[opensource-dev] Fwd: Request for comments about llSetAgentEnvironment / SVC-5520

Ryan McDougall sempuki1 at gmail.com
Sun Mar 14 11:32:47 PDT 2010


On Sun, Mar 14, 2010 at 7:25 PM, Soft Linden <soft at lindenlab.com> wrote:
> On Fri, Mar 12, 2010 at 7:26 PM, Maggie Leber (sl: Maggie Darwin)
> <maggie at matrisync.com> wrote:
>> On Fri, Mar 12, 2010 at 2:31 PM, Soft Linden <soft at lindenlab.com> wrote:
>>
>>> A totally healthy open source project usually can be developed
>>> completely in the open, and in a way that's aligned with everybody's
>>> interests. But that takes an active commitment on all sides...
>>
>> True enough. But I think there's widespread perception that the Second
>> Life Viewer is already  not a "totally healthy open-source project",
>> and I don't think that perception can't be laid at the door of
>> "obstructionism".
>
> When discussions are poisoned to the point where folks are
> name-calling and ascribing twisted motives to others on the list, the
> people doing that are obstructive. That very much weighs against a
> Linden's decision as to whether their work would benefit from open
> development. I can also confidently say that the horrible signal to
> noise ratio of feedback to developers has been the biggest barrier to
> open development, prior to the viewer 2.0 development cycle.
>
>
>> If that's the case, are you threating even less cooperation with the
>> open source project unless people stop "obstructing" by becoming
>> cheerleaders for an agenda that you haven't even disclosed?
>
> I'm not threatening anything. I'm pointing out that if you work with a
> dev, they're more likely to want to work with you. If you work against
> them, they're not going to make an effort to include you. This comes
> down to individual Linden and team decisions on how they can be the
> most effective.
>
> Even sections of the Linux kernel, the open source flagship, have been
> developed in private and then taken back for submission. That's
> happened when the community stopped being productive. Sometimes that's
> even lead to nice projects, like the new scheduler.
>
> The implication that every last person has to have a say in every last
> aspect of development for something to be an open source project is
> false. That level of involvement is earned by merit. And demonizing
> Linden Lab and its developers or otherwise getting in the way
> certainly pisses away whatever developer karma one might have
> accumulated.

LL unilaterally designs and implements code behind closed doors, where
it is accepted and merged then deployed -- all without any outside
participation. In the linux kernel, design is discussed in the open,
occasionally implemented behind closed doors, then discussed again for
inclusion in Linus's kernel.

The only nod to "open" is the GPL source, this impotent mailing list,
and an equally ignored wiki. The community is "poisoned" from the
cognitive dissonance caused by not yet realizing they don't even
exist.

Let's face facts here: LL as an organization doesn't know how to do
open source, and those who even *like* open source are limited to a
handful stalwarts like Soft who mostly end up regretting their forays
here. Community contributions, beyond some free labor donated to a
for-profit company as bug fixes, will never be relevant.
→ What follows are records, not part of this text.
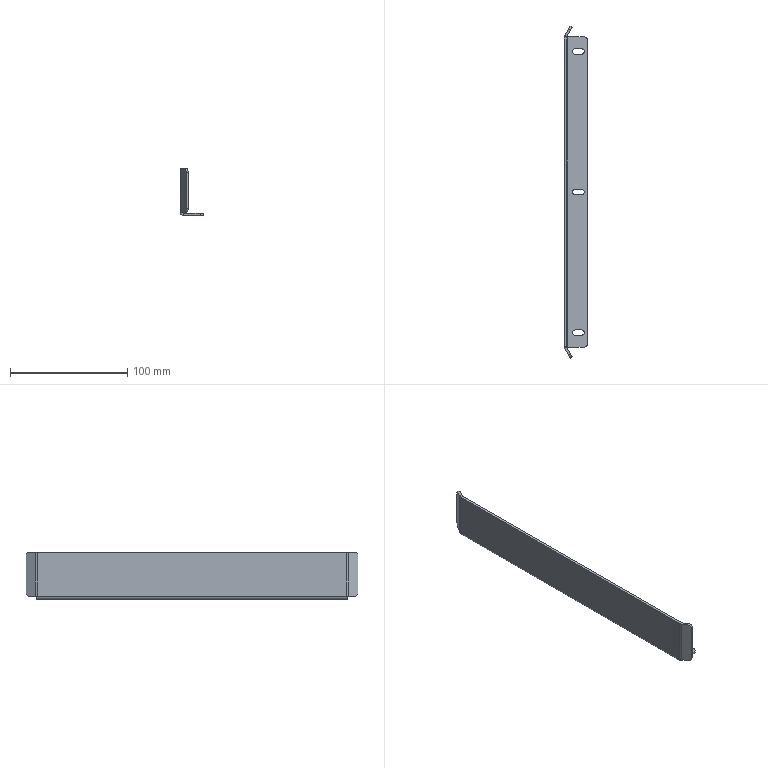Component | SolidWorks | 06-1111-3 | 1 solid | 53 faces | volume 31565 mm3 | plane 32 | cylinder 21 | commonest cylinder face diameters 4.5 x9 6 x6 5.473 x3 1.473 x3
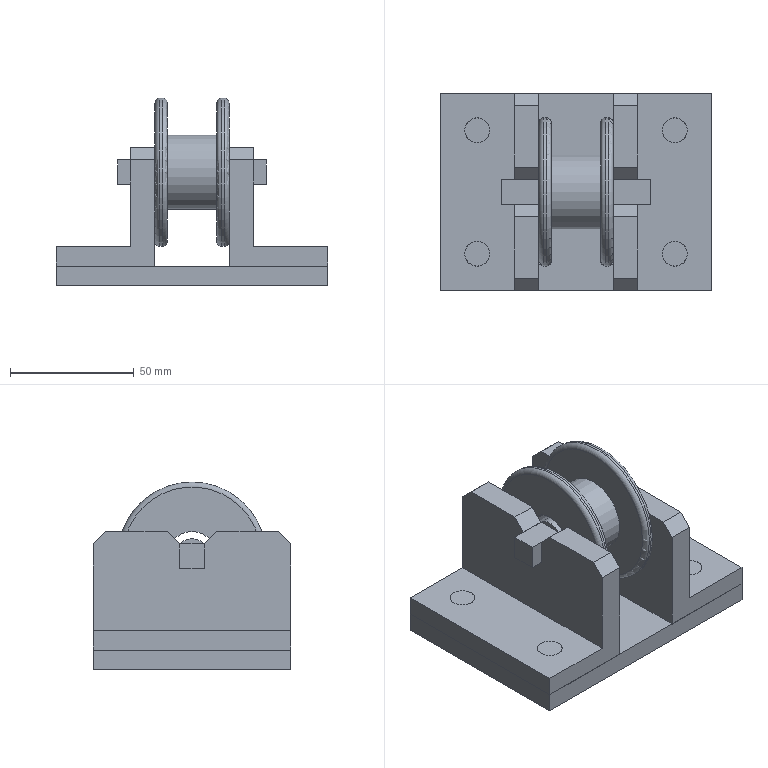Assembly | NX | mm | 9 component files | 9 solids | 105 faces | box 110 x 80 x 76 mm | volume 220983 mm3 | plane 76 | cylinder 25 | torus 4 | commonest cylinder face diameters 6 x12 10 x8 60 x2 30 x1 20 x1 14.142 x1
Bill of materials:
unnamed part 1 | 2 |  | L-shaped bracket: a flat rectangular base flange with an upright wall along one long edge. The wall has chamfered top outer corners and a central rectangular notch cut down from its top edge. The base has two holes.
unnamed part 2 | 4 |  | Headed cylindrical pin: a short, thin round head (flange) on top of a smaller-diameter straight cylindrical shank.
unnamed part 3 | 1 |  | Spool/bobbin shape: two equal round flanges with rounded rims, joined by a central cylindrical hub, with a through bore along the axis.
unnamed part 4 | 1 |  | Flat rectangular plate with four round through-holes, one near each corner, laid out in a rectangle.
unnamed part 5 | 1 |  | Straight square-section bar with a larger-diameter coaxial cylindrical section in the middle of its length, so the square ends stick out from both sides of the cylinder.
Mates:
1. fix | 5 1 component
2. concentric | 3 2 edge | 5 1 edge
3. concentric | 3 2 edge | 5 1 edge
4. concentric | 3 1 edge | 5 1 edge
5. concentric | 3 1 edge | 5 1 edge
6. center | 4 1 face | 4 1 face | 3 1 face | 3 2 face
7. touch align | 4 1 face | 3 1 face
8. center | 4 1 face | 4 1 face | 3 1 face | 3 1 face
9. center | 2 1 face | 2 1 face | 4 1 face | 4 1 face
10. touch align | 2 1 face | 4 1 face
11. concentric | 1 4 edge | 3 2 edge
12. concentric | 1 3 edge | 3 2 edge
13. concentric | 1 2 edge | 3 1 edge
14. concentric | 1 1 edge | 3 1 edge

Open source is a meritocracy where those who make the code, make the
decisions. Since the code of contributors is not welcome (outside of
free QA), decision-makers are nowhere to be found, and what you're
left with is whingers, bike-shedders, and blow-hards ruminating the
same stale cud thread-in and thread-out. When will the lobster
quadrille end?

If you like SL use SL. If you like doing free QA for SL, do free QA
for SL. If you want to fork SL viewer, join that party. If you want a
real open source community, those exist and *want* your help! Why stay
here an piss in the wind? Even monkeys learn after repetition.